Le président de la Cour de justice de l'Union européenne (CJUE), Koen Lenaerts, a estimé que « les fondations de l'UE basées sur l'État de droit (étaient) menacées » et que « la survie du projet européen dans sa forme actuelle (était) en jeu », jeudi 4 novembre à La Haye lors du Congrès FIDE 2021.

Sans se référer explicitement au conflit opposant la Pologne et l'échelon européen sur la primauté de droit de l'UE et l'indépendance de la justice (EUROPE 12821/1), M. Lenaerts a rappelé que « l'ordre juridique de l'UE peut fonctionner uniquement si la clarté existe sur qui aura le dernier mot pour dire le droit ». Ainsi, a-t-il ajouté, conformément au traité sur l'UE (article 19) et aux exigences d'uniformité et d'égalité face à la loi, « la CJUE doit avoir le dernier mot dans l'interprétation du droit de l'UE, comme les cours constitutionnelles nationales l'ont dans l'interprétation de la constitution nationale ».

M. Lenaerts a aussi admis que « la Cour reconnaît pleinement que les limites au champ d'application du droit de l'UE doivent être respectées ». En outre, là où le droit de l'UE s'applique, il y a de la place pour rendre compte de « la diversité » des situations ou des opinions dans des sociétés en évolution constante, ce dans le respect de l'identité des États membres. Pour illustrer son propos, il a notamment évoqué l'arrêt de la Cour qui laisse aux États membres le soin d'établir un équilibre entre la liberté de religion et certains objectifs légitimes, comme l'égalité de traitement en matière d'emploi (affaire C-341/19, EUROPE 12763/8) ou le bien-être des animaux (affaire C-336/19, EUROPE 12626/31).
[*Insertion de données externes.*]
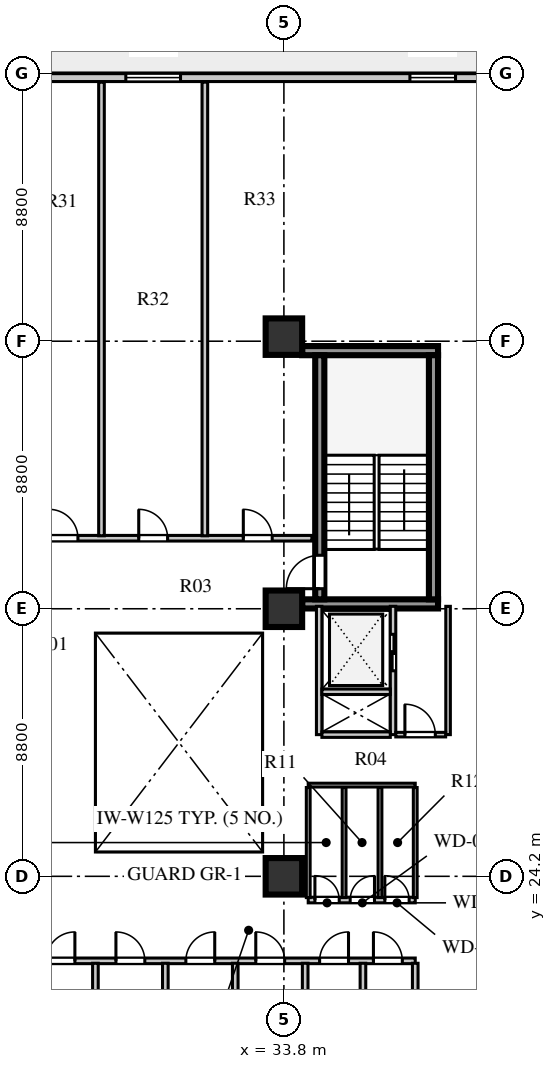
"""IFC4 building model, lengths in metres.
Left out: names, types, materials, properties, quantities, classifications, styles, units other than length and angle.
Written with IfcOpenShell. Run it as: python <this file> out.ifc"""

import sys

from ifc_helpers import new_model, si_unit, direction, frame, frame_2d, origin, origin_2d, place, context, subcontext, project, spatial, rectangle, extrude, element, fill, save


model = new_model("IFC4")
c1 = context("Model", 3, precision=1e-05, world=origin(), true_north=direction((0.0, 1.0)))
c2 = subcontext(c1, "Body", "Model", "MODEL_VIEW")
j1 = project(units=[si_unit("LENGTHUNIT", "METRE"), si_unit("PLANEANGLEUNIT", "RADIAN")], contexts=[c1])
p1 = place(None, origin())
s1 = spatial("IfcSite", under=j1, at=p1, CompositionType="ELEMENT")
p2 = place(p1, origin())
s2 = spatial("IfcBuilding", under=s1, at=p2, CompositionType="ELEMENT")
p3 = place(p2, frame((0.0, 0.0, 74.0)))
s3 = spatial("IfcBuildingStorey", under=s2, at=p3, CompositionType="ELEMENT", Elevation=74.0)
for number, where, z_axis, x_axis in (
    (1, (34.4, 33.16, 0.0), (0.0, 0.0, 1.0), (1.0, 0.0, 0.0)),
    (2, (34.4, 41.49, 0.0), (0.0, 0.0, 1.0), (1.0, 0.0, 0.0)),
):
    element("IfcWall", number, at=place(p3, frame(where, z_axis=z_axis, x_axis=x_axis)), inside=s3, PredefinedType="SHEAR", context=c2, shape_type="SweptSolid", body=[
        extrude(rectangle(XDim=4.47, YDim=0.3, at=frame_2d((2.235, 0.0))), origin(), (0.0, 0.0, 1.0), 3.72),
    ])
p4 = place(p3, frame((34.98, 33.31, 0.0), z_axis=(0.0, 0.0, 1.0), x_axis=(0.0, 1.0, 0.0)))
e3 = element("IfcWall", 3, at=p4, inside=s3, PredefinedType="SHEAR", context=c2, shape_type="SweptSolid", body=[
    extrude(rectangle(XDim=8.03, YDim=0.3, at=frame_2d((4.015, 0.0))), origin(), (0.0, 0.0, 1.0), 3.72),
])
p5 = place(p4, frame((0.35, 0.0, 0.0)))
e4 = element("IfcOpeningElement", 4, at=p5, cuts=e3, PredefinedType="OPENING", context=c2, shape_type="SweptSolid", body=[
    extrude(rectangle(XDim=1.1, YDim=2.1, at=frame_2d((0.55, 1.05))), frame((0.0, 0.16, 0.0), z_axis=(0.0, -1.0, 0.0), x_axis=(1.0, 0.0, 0.0)), (0.0, 0.0, 1.0), 0.32),
])
p6 = place(p3, frame((38.72, 33.31, 0.0), z_axis=(0.0, 0.0, 1.0), x_axis=(0.0, 1.0, 0.0)))
e5 = element("IfcWall", 5, at=p6, inside=s3, PredefinedType="SHEAR", context=c2, shape_type="SweptSolid", body=[
    extrude(rectangle(XDim=8.03, YDim=0.3, at=frame_2d((4.015, 0.0))), origin(), (0.0, 0.0, 1.0), 3.72),
])
for number, where, z_axis, x_axis in (
    (6, (33.8, 24.2, 0.0), (0.0, 0.0, 1.0), (1.0, 0.0, 0.0)),
    (7, (33.8, 33.0, 0.0), (0.0, 0.0, 1.0), (1.0, 0.0, 0.0)),
    (8, (33.8, 41.95, 0.0), (0.0, 0.0, 1.0), (1.0, 0.0, 0.0)),
):
    element("IfcColumn", number, at=place(p3, frame(where, z_axis=z_axis, x_axis=x_axis)), inside=s3, PredefinedType="COLUMN", context=c2, shape_type="SweptSolid", body=[
        extrude(rectangle(XDim=1.2, YDim=1.2, at=origin_2d()), origin(), (0.0, 0.0, 1.0), 3.72),
    ])
p7 = place(p3, frame((46.3, 50.47, 0.0), z_axis=(0.0, 0.0, 1.0), x_axis=(-1.0, 0.0, 0.0)))
e9 = element("IfcWall", 9, at=p7, inside=s3, PredefinedType="SOLIDWALL", context=c2, shape_type="SweptSolid", body=[
    extrude(rectangle(XDim=34.0, YDim=0.26, at=frame_2d((17.0, 0.0))), origin(), (0.0, 0.0, 1.0), 3.72),
])
p8 = place(p7, frame((32.05, 0.0, 0.0)))
e10 = element("IfcOpeningElement", 10, at=p8, cuts=e9, PredefinedType="OPENING", context=c2, shape_type="SweptSolid", body=[
    extrude(rectangle(XDim=1.0, YDim=2.05, at=frame_2d((0.5, 1.025))), frame((0.0, 0.14, 0.0), z_axis=(0.0, -1.0, 0.0), x_axis=(1.0, 0.0, 0.0)), (0.0, 0.0, 1.0), 0.28),
])
p9 = place(p7, frame((24.295, 0.0, 0.8)))
e11 = element("IfcOpeningElement", 11, at=p9, cuts=e9, PredefinedType="OPENING", context=c2, shape_type="SweptSolid", body=[
    extrude(rectangle(XDim=2.25, YDim=2.0, at=frame_2d((1.125, 1.0))), frame((0.0, 0.14, 0.0), z_axis=(0.0, -1.0, 0.0), x_axis=(1.0, 0.0, 0.0)), (0.0, 0.0, 1.0), 0.28),
])
p10 = place(p7, frame((15.9, 0.0, 0.8)))
e12 = element("IfcOpeningElement", 12, at=p10, cuts=e9, PredefinedType="OPENING", context=c2, shape_type="SweptSolid", body=[
    extrude(rectangle(XDim=1.8, YDim=2.0, at=frame_2d((0.9, 1.0))), frame((0.0, 0.14, 0.0), z_axis=(0.0, -1.0, 0.0), x_axis=(1.0, 0.0, 0.0)), (0.0, 0.0, 1.0), 0.28),
])
p11 = place(p7, frame((6.855, 0.0, 0.8)))
e13 = element("IfcOpeningElement", 13, at=p11, cuts=e9, PredefinedType="OPENING", context=c2, shape_type="SweptSolid", body=[
    extrude(rectangle(XDim=1.5, YDim=2.0, at=frame_2d((0.75, 1.0))), frame((0.0, 0.14, 0.0), z_axis=(0.0, -1.0, 0.0), x_axis=(1.0, 0.0, 0.0)), (0.0, 0.0, 1.0), 0.28),
])
p12 = place(p3, frame((34.96, 28.86, 0.0), z_axis=(0.0, 0.0, 1.0), x_axis=(0.0, 1.0, 0.0)))
e14 = element("IfcWall", 14, at=p12, inside=s3, PredefinedType="SOLIDWALL", context=c2, shape_type="SweptSolid", body=[
    extrude(rectangle(XDim=4.22, YDim=0.18, at=frame_2d((2.11, 0.0))), origin(), (0.0, 0.0, 1.0), 3.72),
])
p13 = place(p3, frame((37.39, 28.86, 0.0), z_axis=(0.0, 0.0, 1.0), x_axis=(0.0, 1.0, 0.0)))
e15 = element("IfcWall", 15, at=p13, inside=s3, PredefinedType="SOLIDWALL", context=c2, shape_type="SweptSolid", body=[
    extrude(rectangle(XDim=4.22, YDim=0.18, at=frame_2d((2.11, 0.0))), origin(), (0.0, 0.0, 1.0), 3.72),
])
p14 = place(p13, frame((2.1, 0.0, 0.0)))
e16 = element("IfcOpeningElement", 16, at=p14, cuts=e15, PredefinedType="OPENING", context=c2, shape_type="SweptSolid", body=[
    extrude(rectangle(XDim=1.2, YDim=2.12, at=frame_2d((0.6, 1.06))), frame((0.0, 0.1, 0.0), z_axis=(0.0, -1.0, 0.0), x_axis=(1.0, 0.0, 0.0)), (0.0, 0.0, 1.0), 0.2),
])
for number, where, z_axis, x_axis in (
    (17, (35.05, 28.86, 0.0), (0.0, 0.0, 1.0), (1.0, 0.0, 0.0)),
    (18, (35.05, 30.27, 0.0), (0.0, 0.0, 1.0), (1.0, 0.0, 0.0)),
):
    element("IfcWall", number, at=place(p3, frame(where, z_axis=z_axis, x_axis=x_axis)), inside=s3, PredefinedType="SOLIDWALL", context=c2, shape_type="SweptSolid", body=[
        extrude(rectangle(XDim=2.25, YDim=0.18, at=frame_2d((1.125, 0.0))), origin(), (0.0, 0.0, 1.0), 3.72),
    ])
p15 = place(p3, frame((39.2, 28.86, 0.0), z_axis=(0.0, 0.0, 1.0), x_axis=(0.0, 1.0, 0.0)))
e19 = element("IfcWall", 19, at=p15, inside=s3, PredefinedType="PARTITIONING", context=c2, shape_type="SweptSolid", body=[
    extrude(rectangle(XDim=4.22, YDim=0.15, at=frame_2d((2.11, 0.0))), origin(), (0.0, 0.0, 1.0), 3.72),
])
p16 = place(p3, frame((37.48, 28.86, 0.0), z_axis=(0.0, 0.0, 1.0), x_axis=(1.0, 0.0, 0.0)))
e20 = element("IfcWall", 20, at=p16, inside=s3, PredefinedType="PARTITIONING", context=c2, shape_type="SweptSolid", body=[
    extrude(rectangle(XDim=1.64, YDim=0.15, at=frame_2d((0.82, 0.0))), origin(), (0.0, 0.0, 1.0), 3.72),
])
p17 = place(p16, frame((0.3, 0.0, 0.0)))
e21 = element("IfcOpeningElement", 21, at=p17, cuts=e20, PredefinedType="OPENING", context=c2, shape_type="SweptSolid", body=[
    extrude(rectangle(XDim=1.0, YDim=2.1, at=frame_2d((0.5, 1.05))), frame((0.0, 0.085, 0.0), z_axis=(0.0, -1.0, 0.0), x_axis=(1.0, 0.0, 0.0)), (0.0, 0.0, 1.0), 0.17),
])
p18 = place(p3, frame((25.25, 21.42, 0.0), z_axis=(0.0, 0.0, 1.0), x_axis=(1.0, 0.0, 0.0)))
e22 = element("IfcWall", 22, at=p18, inside=s3, PredefinedType="SOLIDWALL", context=c2, shape_type="SweptSolid", body=[
    extrude(rectangle(XDim=12.87, YDim=0.185, at=frame_2d((6.435, 0.0))), origin(), (0.0, 0.0, 1.0), 3.32),
])
p19 = place(p18, frame((0.725, 0.0, 0.0)))
e23 = element("IfcOpeningElement", 23, at=p19, cuts=e22, PredefinedType="OPENING", context=c2, shape_type="SweptSolid", body=[
    extrude(rectangle(XDim=0.95, YDim=2.08, at=frame_2d((0.475, 1.04))), frame((0.0, 0.103, 0.0), z_axis=(0.0, -1.0, 0.0), x_axis=(1.0, 0.0, 0.0)), (0.0, 0.0, 1.0), 0.205),
])
p20 = place(p18, frame((3.025, 0.0, 0.0)))
e24 = element("IfcOpeningElement", 24, at=p20, cuts=e22, PredefinedType="OPENING", context=c2, shape_type="SweptSolid", body=[
    extrude(rectangle(XDim=0.95, YDim=2.08, at=frame_2d((0.475, 1.04))), frame((0.0, 0.103, 0.0), z_axis=(0.0, -1.0, 0.0), x_axis=(1.0, 0.0, 0.0)), (0.0, 0.0, 1.0), 0.205),
])
p21 = place(p18, frame((5.325, 0.0, 0.0)))
e25 = element("IfcOpeningElement", 25, at=p21, cuts=e22, PredefinedType="OPENING", context=c2, shape_type="SweptSolid", body=[
    extrude(rectangle(XDim=0.95, YDim=2.08, at=frame_2d((0.475, 1.04))), frame((0.0, 0.103, 0.0), z_axis=(0.0, -1.0, 0.0), x_axis=(1.0, 0.0, 0.0)), (0.0, 0.0, 1.0), 0.205),
])
p22 = place(p18, frame((7.625, 0.0, 0.0)))
e26 = element("IfcOpeningElement", 26, at=p22, cuts=e22, PredefinedType="OPENING", context=c2, shape_type="SweptSolid", body=[
    extrude(rectangle(XDim=0.95, YDim=2.08, at=frame_2d((0.475, 1.04))), frame((0.0, 0.103, 0.0), z_axis=(0.0, -1.0, 0.0), x_axis=(1.0, 0.0, 0.0)), (0.0, 0.0, 1.0), 0.205),
])
p23 = place(p18, frame((9.725, 0.0, 0.0)))
e27 = element("IfcOpeningElement", 27, at=p23, cuts=e22, PredefinedType="OPENING", context=c2, shape_type="SweptSolid", body=[
    extrude(rectangle(XDim=0.95, YDim=2.08, at=frame_2d((0.475, 1.04))), frame((0.0, 0.103, 0.0), z_axis=(0.0, -1.0, 0.0), x_axis=(1.0, 0.0, 0.0)), (0.0, 0.0, 1.0), 0.205),
])
p24 = place(p18, frame((11.495, 0.0, 0.0)))
e28 = element("IfcOpeningElement", 28, at=p24, cuts=e22, PredefinedType="OPENING", context=c2, shape_type="SweptSolid", body=[
    extrude(rectangle(XDim=0.95, YDim=2.08, at=frame_2d((0.475, 1.04))), frame((0.0, 0.103, 0.0), z_axis=(0.0, -1.0, 0.0), x_axis=(1.0, 0.0, 0.0)), (0.0, 0.0, 1.0), 0.205),
])
p25 = place(p3, frame((38.12, 6.88, 0.0), z_axis=(0.0, 0.0, 1.0), x_axis=(0.0, 1.0, 0.0)))
e29 = element("IfcWall", 29, at=p25, inside=s3, PredefinedType="SOLIDWALL", context=c2, shape_type="SweptSolid", body=[
    extrude(rectangle(XDim=14.46, YDim=0.185, at=frame_2d((7.23, 0.0))), origin(), (0.0, 0.0, 1.0), 3.72),
])
p26 = place(p3, frame((34.6, 23.42, 0.0), z_axis=(0.0, 0.0, 1.0), x_axis=(1.0, 0.0, 0.0)))
e30 = element("IfcWall", 30, at=p26, inside=s3, PredefinedType="SOLIDWALL", context=c2, shape_type="SweptSolid", body=[
    extrude(rectangle(XDim=3.52, YDim=0.185, at=frame_2d((1.76, 0.0))), origin(), (0.0, 0.0, 1.0), 3.72),
])
p27 = place(p26, frame((0.22, 0.0, 0.0)))
e31 = element("IfcOpeningElement", 31, at=p27, cuts=e30, PredefinedType="OPENING", context=c2, shape_type="SweptSolid", body=[
    extrude(rectangle(XDim=0.8, YDim=2.05, at=frame_2d((0.4, 1.025))), frame((0.0, 0.103, 0.0), z_axis=(0.0, -1.0, 0.0), x_axis=(1.0, 0.0, 0.0)), (0.0, 0.0, 1.0), 0.205),
])
p28 = place(p26, frame((1.38, 0.0, 0.0)))
e32 = element("IfcOpeningElement", 32, at=p28, cuts=e30, PredefinedType="OPENING", context=c2, shape_type="SweptSolid", body=[
    extrude(rectangle(XDim=0.8, YDim=2.05, at=frame_2d((0.4, 1.025))), frame((0.0, 0.103, 0.0), z_axis=(0.0, -1.0, 0.0), x_axis=(1.0, 0.0, 0.0)), (0.0, 0.0, 1.0), 0.205),
])
p29 = place(p26, frame((2.52, 0.0, 0.0)))
e33 = element("IfcOpeningElement", 33, at=p29, cuts=e30, PredefinedType="OPENING", context=c2, shape_type="SweptSolid", body=[
    extrude(rectangle(XDim=0.8, YDim=2.05, at=frame_2d((0.4, 1.025))), frame((0.0, 0.103, 0.0), z_axis=(0.0, -1.0, 0.0), x_axis=(1.0, 0.0, 0.0)), (0.0, 0.0, 1.0), 0.205),
])
p30 = place(p3, frame((25.25, 35.32, 0.0), z_axis=(0.0, 0.0, 1.0), x_axis=(1.0, 0.0, 0.0)))
e34 = element("IfcWall", 34, at=p30, inside=s3, PredefinedType="SOLIDWALL", context=c2, shape_type="SweptSolid", body=[
    extrude(rectangle(XDim=9.47, YDim=0.185, at=frame_2d((4.735, 0.0))), origin(), (0.0, 0.0, 1.0), 3.72),
])
p31 = place(p30, frame((0.825, 0.0, 0.0)))
e35 = element("IfcOpeningElement", 35, at=p31, cuts=e34, PredefinedType="OPENING", context=c2, shape_type="SweptSolid", body=[
    extrude(rectangle(XDim=0.95, YDim=2.08, at=frame_2d((0.475, 1.04))), frame((0.0, 0.103, 0.0), z_axis=(0.0, -1.0, 0.0), x_axis=(1.0, 0.0, 0.0)), (0.0, 0.0, 1.0), 0.205),
])
p32 = place(p30, frame((3.775, 0.0, 0.0)))
e36 = element("IfcOpeningElement", 36, at=p32, cuts=e34, PredefinedType="OPENING", context=c2, shape_type="SweptSolid", body=[
    extrude(rectangle(XDim=0.95, YDim=2.08, at=frame_2d((0.475, 1.04))), frame((0.0, 0.103, 0.0), z_axis=(0.0, -1.0, 0.0), x_axis=(1.0, 0.0, 0.0)), (0.0, 0.0, 1.0), 0.205),
])
p33 = place(p30, frame((7.215, 0.0, 0.0)))
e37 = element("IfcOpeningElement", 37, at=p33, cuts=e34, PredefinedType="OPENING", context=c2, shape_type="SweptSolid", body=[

Un principe reste non négociable, selon le président de la Cour : les tribunaux d'un État membre doivent pouvoir agir « sans crainte ni faveur ». La jurisprudence européenne a clairement dit que les juges nationaux ne doivent pas être exposés à des procédures ou mesures disciplinaires pour avoir saisi la CJUE, a-t-il souligné (affaires C-558&563/18, EUROPE 12455/25).

Et de rappeler que, si l'organisation de la justice est du ressort des États membres, les tribunaux nationaux appelés à appliquer le droit de l'UE doivent jouir des garanties indispensables à leur « indépendance et impartialité ». « Le respect de ces lignes rouges et de l'État de droit en général est le fondement de la confiance mutuelle. Le projet européen - et la solidarité entre les États membres que ce projet implique - dépend de cette confiance », a conclu M. Lenaerts. (Mathieu Bion)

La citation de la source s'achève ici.